Claim: $ f(n, k) \displaystyle \prod_{1\leq i<j \leq k} (x_i - x_j) = \sum_{\sigma \in S_k, \sigma(j) = 1} \left[ (-1)^\sigma x_j ^{n+k-1} \prod_{i\neq j} x_i^{k - \sigma(i) } \right] $.
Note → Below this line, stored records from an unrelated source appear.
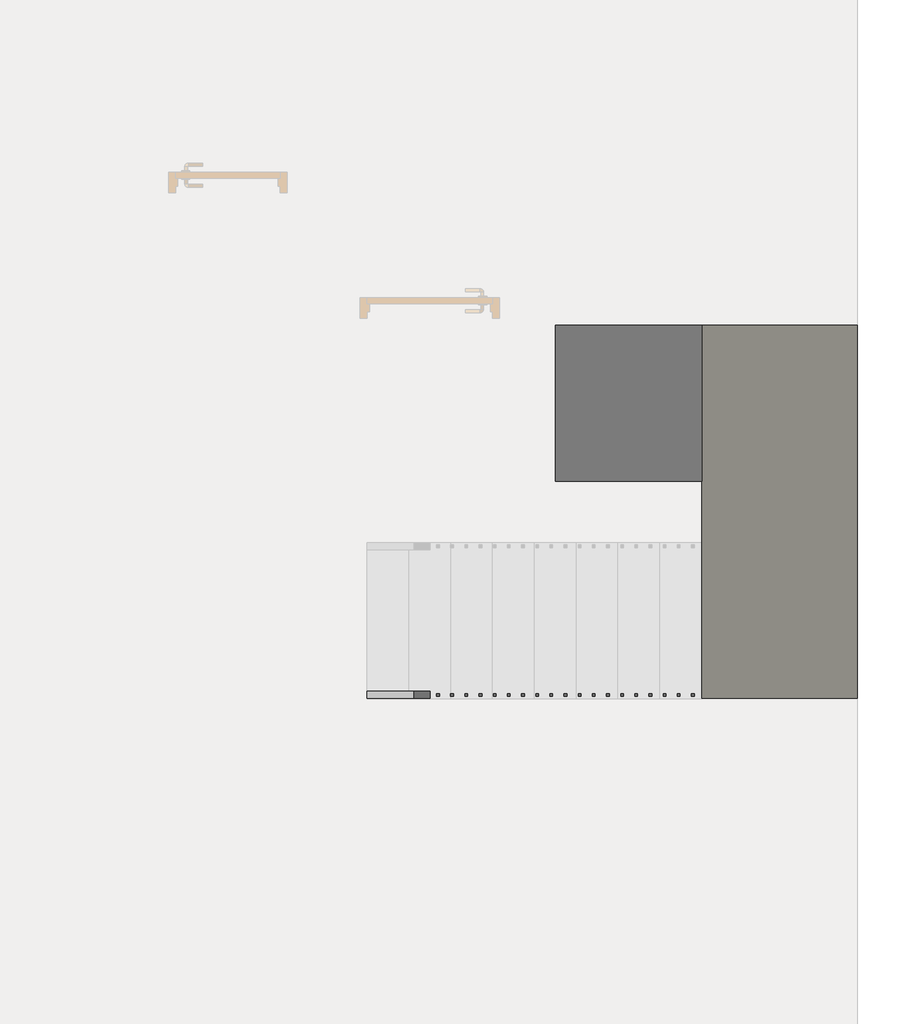
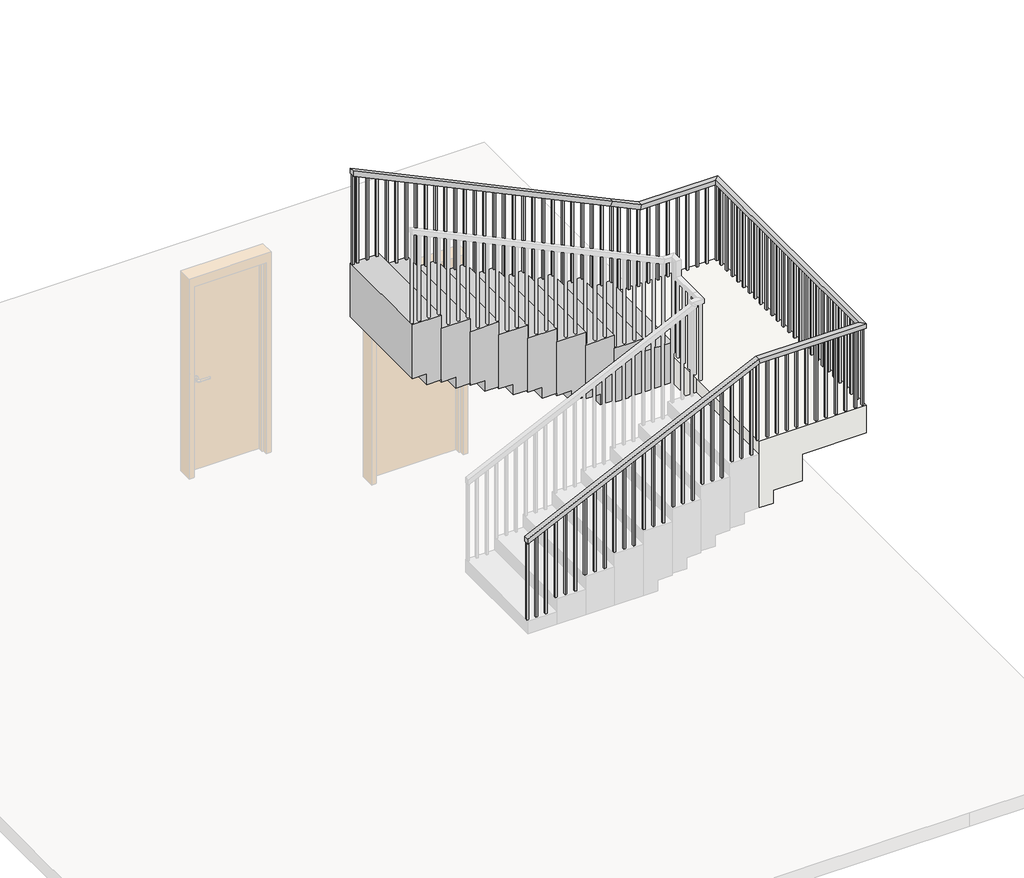
# One storey, part 2 of 2: 1 railing, 1 slab, 1 stair flight.
"""IFC4 building model written with IfcOpenShell, lengths in millimetres."""

from ifc_helpers import new_model, si_unit, frame, origin, place, context, project, spatial, polyline, outline, extrude, faceted_brep, element, save

model = new_model("IFC4")

# Units and contexts
model_context = context("Model", 3, world=origin())
ifc_project = project(units=[si_unit("LENGTHUNIT", "METRE", prefix="MILLI")], contexts=[model_context])

# Site, building, storey
site = spatial("IfcSite", under=ifc_project)
building = spatial("IfcBuilding", under=site)
storey = spatial("IfcBuildingStorey", under=building, Elevation=600.0)

# Railing
placement = place(None, origin())
element("IfcRailing", 1, ObjectType="Handrail - Rectangular", at=placement, inside=storey, context=model_context, shape_type="SolidModel", body=[
    faceted_brep([(-11513.3520625, -4858.6480844, 1642.1052632), (-11513.3520625, -4858.6480844, 1586.7794841), (-11513.3520625, -4908.6480844, 1586.7794841), (-11513.3520625, -4908.6480844, 1642.1052632), (-9113.3520625, -4858.6480844, 2778.9473684), (-9102.1087512, -4858.6480844, 2728.9473684), (-9102.1087512, -4908.6480844, 2728.9473684), (-9113.3520625, -4908.6480844, 2778.9473684), (-8046.1520625, -4858.6480844, 2778.9473684), (-8046.1520625, -4858.6480844, 2728.9473684), (-7996.1520625, -4908.6480844, 2728.9473684), (-7996.1520625, -4908.6480844, 2778.9473684), (-8046.1520625, -2284.4480844, 2778.9473684), (-8046.1520625, -2284.4480844, 2728.9473684), (-7996.1520625, -2234.4480844, 2728.9473684), (-7996.1520625, -2234.4480844, 2778.9473684), (-8813.3520625, -2284.4480844, 2778.9473684), (-8824.5953738, -2284.4480844, 2728.9473684), (-8824.5953738, -2234.4480844, 2728.9473684), (-8813.3520625, -2234.4480844, 2778.9473684), (-9113.3520625, -2284.4480844, 2921.0526316), (-9134.7563797, -2284.4480844, 2875.8657396), (-9134.7563797, -2234.4480844, 2875.8657396), (-9113.3520625, -2234.4480844, 2921.0526316), (-11813.3520625, -2284.4480844, 4200.0), (-11813.3520625, -2234.4480844, 4200.0), (-11813.3520625, -2234.4480844, 4144.6742209), (-11813.3520625, -2284.4480844, 4144.6742209)], [[[0, 1, 2, 3]], [[1, 0, 4, 5]], [[2, 1, 5, 6]], [[3, 2, 6, 7]], [[0, 3, 7, 4]], [[5, 4, 8, 9]], [[6, 5, 9, 10]], [[7, 6, 10, 11]], [[4, 7, 11, 8]], [[9, 8, 12, 13]], [[10, 9, 13, 14]], [[11, 10, 14, 15]], [[8, 11, 15, 12]], [[13, 12, 16, 17]], [[14, 13, 17, 18]], [[15, 14, 18, 19]], [[12, 15, 19, 16]], [[17, 16, 20, 21]], [[18, 17, 21, 22]], [[19, 18, 22, 23]], [[16, 19, 23, 20]], [[24, 25, 26, 27]], [[21, 20, 24, 27]], [[22, 21, 27, 26]], [[23, 22, 26, 25]], [[20, 23, 25, 24]]]),
    extrude(outline(polyline([(3157.8947368, -11744.9520625), (4112.2742209, -11744.9520625), (4121.7479052, -11764.9520625), (3157.8947368, -11764.9520625), (3157.8947368, -11744.9520625)])), frame((0.0, -2269.4480844, 0.0), z_axis=(0.0, 1.0, 0.0), x_axis=(0.0, 0.0, 1.0)), (0.0, 0.0, 1.0), 20.0),
    extrude(outline(polyline([(3157.8947368, -11643.3520625), (4064.1479052, -11643.3520625), (4073.6215894, -11663.3520625), (3157.8947368, -11663.3520625), (3157.8947368, -11643.3520625)])), frame((0.0, -2269.4480844, 0.0), z_axis=(0.0, 1.0, 0.0), x_axis=(0.0, 0.0, 1.0)), (0.0, 0.0, 1.0), 20.0),
    extrude(outline(polyline([(3157.8947368, -11541.7520625), (4016.0215894, -11541.7520625), (4025.4952736, -11561.7520625), (3157.8947368, -11561.7520625), (3157.8947368, -11541.7520625)])), frame((0.0, -2269.4480844, 0.0), z_axis=(0.0, 1.0, 0.0), x_axis=(0.0, 0.0, 1.0)), (0.0, 0.0, 1.0), 20.0),
    extrude(outline(polyline([(3015.7894737, -11440.1520625), (3967.8952736, -11440.1520625), (3977.3689578, -11460.1520625), (3015.7894737, -11460.1520625), (3015.7894737, -11440.1520625)])), frame((0.0, -2269.4480844, 0.0), z_axis=(0.0, 1.0, 0.0), x_axis=(0.0, 0.0, 1.0)), (0.0, 0.0, 1.0), 20.0),
    extrude(outline(polyline([(3015.7894737, -11338.5520625), (3919.7689578, -11338.5520625), (3929.242642, -11358.5520625), (3015.7894737, -11358.5520625), (3015.7894737, -11338.5520625)])), frame((0.0, -2269.4480844, 0.0), z_axis=(0.0, 1.0, 0.0), x_axis=(0.0, 0.0, 1.0)), (0.0, 0.0, 1.0), 20.0),
    extrude(outline(polyline([(3015.7894737, -11236.9520625), (3871.642642, -11236.9520625), (3881.1163262, -11256.9520625), (3015.7894737, -11256.9520625), (3015.7894737, -11236.9520625)])), frame((0.0, -2269.4480844, 0.0), z_axis=(0.0, 1.0, 0.0), x_axis=(0.0, 0.0, 1.0)), (0.0, 0.0, 1.0), 20.0),
    extrude(outline(polyline([(2873.6842105, -11135.3520625), (3823.5163262, -11135.3520625), (3832.9900104, -11155.3520625), (2873.6842105, -11155.3520625), (2873.6842105, -11135.3520625)])), frame((0.0, -2269.4480844, 0.0), z_axis=(0.0, 1.0, 0.0), x_axis=(0.0, 0.0, 1.0)), (0.0, 0.0, 1.0), 20.0),
    extrude(outline(polyline([(2873.6842105, -11033.7520625), (3775.3900104, -11033.7520625), (3784.8636946, -11053.7520625), (2873.6842105, -11053.7520625), (2873.6842105, -11033.7520625)])), frame((0.0, -2269.4480844, 0.0), z_axis=(0.0, 1.0, 0.0), x_axis=(0.0, 0.0, 1.0)), (0.0, 0.0, 1.0), 20.0),
    extrude(outline(polyline([(2873.6842105, -10932.1520625), (3727.2636946, -10932.1520625), (3736.7373788, -10952.1520625), (2873.6842105, -10952.1520625), (2873.6842105, -10932.1520625)])), frame((0.0, -2269.4480844, 0.0), z_axis=(0.0, 1.0, 0.0), x_axis=(0.0, 0.0, 1.0)), (0.0, 0.0, 1.0), 20.0),
    extrude(outline(polyline([(2731.5789474, -10830.5520625), (3679.1373788, -10830.5520625), (3688.611063, -10850.5520625), (2731.5789474, -10850.5520625), (2731.5789474, -10830.5520625)])), frame((0.0, -2269.4480844, 0.0), z_axis=(0.0, 1.0, 0.0), x_axis=(0.0, 0.0, 1.0)), (0.0, 0.0, 1.0), 20.0),
    extrude(outline(polyline([(2731.5789474, -10728.9520625), (3631.011063, -10728.9520625), (3640.4847473, -10748.9520625), (2731.5789474, -10748.9520625), (2731.5789474, -10728.9520625)])), frame((0.0, -2269.4480844, 0.0), z_axis=(0.0, 1.0, 0.0), x_axis=(0.0, 0.0, 1.0)), (0.0, 0.0, 1.0), 20.0),
    extrude(outline(polyline([(2731.5789474, -10627.3520625), (3582.8847473, -10627.3520625), (3592.3584315, -10647.3520625), (2731.5789474, -10647.3520625), (2731.5789474, -10627.3520625)])), frame((0.0, -2269.4480844, 0.0), z_axis=(0.0, 1.0, 0.0), x_axis=(0.0, 0.0, 1.0)), (0.0, 0.0, 1.0), 20.0),
    extrude(outline(polyline([(2589.4736842, -10525.7520625), (3534.7584315, -10525.7520625), (3544.2321157, -10545.7520625), (2589.4736842, -10545.7520625), (2589.4736842, -10525.7520625)])), frame((0.0, -2269.4480844, 0.0), z_axis=(0.0, 1.0, 0.0), x_axis=(0.0, 0.0, 1.0)), (0.0, 0.0, 1.0), 20.0),
    extrude(outline(polyline([(2589.4736842, -10424.1520625), (3486.6321157, -10424.1520625), (3496.1057999, -10444.1520625), (2589.4736842, -10444.1520625), (2589.4736842, -10424.1520625)])), frame((0.0, -2269.4480844, 0.0), z_axis=(0.0, 1.0, 0.0), x_axis=(0.0, 0.0, 1.0)), (0.0, 0.0, 1.0), 20.0),
    extrude(outline(polyline([(2589.4736842, -10322.5520625), (3438.5057999, -10322.5520625), (3447.9794841, -10342.5520625), (2589.4736842, -10342.5520625), (2589.4736842, -10322.5520625)])), frame((0.0, -2269.4480844, 0.0), z_axis=(0.0, 1.0, 0.0), x_axis=(0.0, 0.0, 1.0)), (0.0, 0.0, 1.0), 20.0),
    extrude(outline(polyline([(2447.3684211, -10220.9520625), (3390.3794841, -10220.9520625), (3399.8531683, -10240.9520625), (2447.3684211, -10240.9520625), (2447.3684211, -10220.9520625)])), frame((0.0, -2269.4480844, 0.0), z_axis=(0.0, 1.0, 0.0), x_axis=(0.0, 0.0, 1.0)), (0.0, 0.0, 1.0), 20.0),
    extrude(outline(polyline([(2447.3684211, -10119.3520625), (3342.2531683, -10119.3520625), (3351.7268525, -10139.3520625), (2447.3684211, -10139.3520625), (2447.3684211, -10119.3520625)])), frame((0.0, -2269.4480844, 0.0), z_axis=(0.0, 1.0, 0.0), x_axis=(0.0, 0.0, 1.0)), (0.0, 0.0, 1.0), 20.0),
    extrude(outline(polyline([(2447.3684211, -10017.7520625), (3294.1268525, -10017.7520625), (3303.6005367, -10037.7520625), (2447.3684211, -10037.7520625), (2447.3684211, -10017.7520625)])), frame((0.0, -2269.4480844, 0.0), z_axis=(0.0, 1.0, 0.0), x_axis=(0.0, 0.0, 1.0)), (0.0, 0.0, 1.0), 20.0),
    extrude(outline(polyline([(2305.2631579, -9916.1520625), (3246.0005367, -9916.1520625), (3255.4742209, -9936.1520625), (2305.2631579, -9936.1520625), (2305.2631579, -9916.1520625)])), frame((0.0, -2269.4480844, 0.0), z_axis=(0.0, 1.0, 0.0), x_axis=(0.0, 0.0, 1.0)), (0.0, 0.0, 1.0), 20.0),
    extrude(outline(polyline([(2305.2631579, -9814.5520625), (3197.8742209, -9814.5520625), (3207.3479052, -9834.5520625), (2305.2631579, -9834.5520625), (2305.2631579, -9814.5520625)])), frame((0.0, -2269.4480844, 0.0), z_axis=(0.0, 1.0, 0.0), x_axis=(0.0, 0.0, 1.0)), (0.0, 0.0, 1.0), 20.0),
    extrude(outline(polyline([(2305.2631579, -9712.9520625), (3149.7005367, -9712.9520625), (3159.1742209, -9732.9520625), (2305.2631579, -9732.9520625), (2305.2631579, -9712.9520625)])), frame((0.0, -2269.4480844, 0.0), z_axis=(0.0, 1.0, 0.0), x_axis=(0.0, 0.0, 1.0)), (0.0, 0.0, 1.0), 20.0),
    extrude(outline(polyline([(2163.1578947, -9611.3520625), (3101.6215894, -9611.3520625), (3111.0952736, -9631.3520625), (2163.1578947, -9631.3520625), (2163.1578947, -9611.3520625)])), frame((0.0, -2269.4480844, 0.0), z_axis=(0.0, 1.0, 0.0), x_axis=(0.0, 0.0, 1.0)), (0.0, 0.0, 1.0), 20.0),
    extrude(outline(polyline([(2163.1578947, -9509.7520625), (3053.4952736, -9509.7520625), (3062.9689578, -9529.7520625), (2163.1578947, -9529.7520625), (2163.1578947, -9509.7520625)])), frame((0.0, -2269.4480844, 0.0), z_axis=(0.0, 1.0, 0.0), x_axis=(0.0, 0.0, 1.0)), (0.0, 0.0, 1.0), 20.0),
    extrude(outline(polyline([(2163.1578947, -9408.1520625), (3005.3689578, -9408.1520625), (3014.842642, -9428.1520625), (2163.1578947, -9428.1520625), (2163.1578947, -9408.1520625)])), frame((0.0, -2269.4480844, 0.0), z_axis=(0.0, 1.0, 0.0), x_axis=(0.0, 0.0, 1.0)), (0.0, 0.0, 1.0), 20.0),
    extrude(outline(polyline([(2021.0526316, -9306.5520625), (2957.242642, -9306.5520625), (2966.7163262, -9326.5520625), (2021.0526316, -9326.5520625), (2021.0526316, -9306.5520625)])), frame((0.0, -2269.4480844, 0.0), z_axis=(0.0, 1.0, 0.0), x_axis=(0.0, 0.0, 1.0)), (0.0, 0.0, 1.0), 20.0),
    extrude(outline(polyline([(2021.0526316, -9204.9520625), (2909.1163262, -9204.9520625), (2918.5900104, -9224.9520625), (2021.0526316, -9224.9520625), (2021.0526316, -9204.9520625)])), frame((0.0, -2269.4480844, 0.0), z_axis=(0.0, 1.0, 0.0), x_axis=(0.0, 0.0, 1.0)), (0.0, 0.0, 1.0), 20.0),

As an explicit example, for $n=2, k = 3$,
$$ \begin{array} { l l } & & (a^2+b^2+c^2+ab+bc+ca)(a-b)(a-c)(b-c) \\ & = & a^{2+3-1}b^{3-2}c^{3-3} - a^{2+3-1}b^{3-3}c^{3-2} - a^{3-2}b^{3-1}c^{2+3-3} + a^{3-2}b^{3-3}c^{2+3-1} + a^{3-3}b^{2+3-1}c^{3-2} - a^{3-3} b^{3-2}c^{2+3-1} \\ & = & a^4b-a^4c+b^4c - b^4a + c^4a-c^4 b. \end{array} $$

Corollary: This gives us a "nice formula" that is the generalization of OP's observation for $k = 2$. Even though $f(n,k)$ has ${n+k-1 \choose n } $terms, it can be expressed as a fraction with $k!$ terms in the numerator and $k!$ terms in the denominator that match term wise:

$$ \displaystyle f(n, k) = \frac{\displaystyle \sum_{\sigma \in S_k, \sigma(j) = 1} \left[ (-1)^\sigma x_j ^{n+k-1} \prod_{i\neq j} x_i^{k - \sigma(i) } \right]}{ \displaystyle \sum_{\sigma \in S_k} \left[ (-1)^\sigma \prod_i x_i^{k - \sigma(i) }\right] } $$

As an explicit example, for $n = 2, k = 3$,

$$ (a^2+b^2+c^2+ab+bc+ca) = \frac{ a^4b-a^4c+b^4c - b^4a + c^4a-c^4 b}{ a^2b-a^2c+b^2c - b^2a + c^2a-c^2 b }. $$

To the uninitiated, it may seem surprising that these polynomials divide out nicely.
If we apply Remainder Factor Theorem, it is clear why the numerator has a factor of $x_i - x_j$, hence is a multiple of the denominator.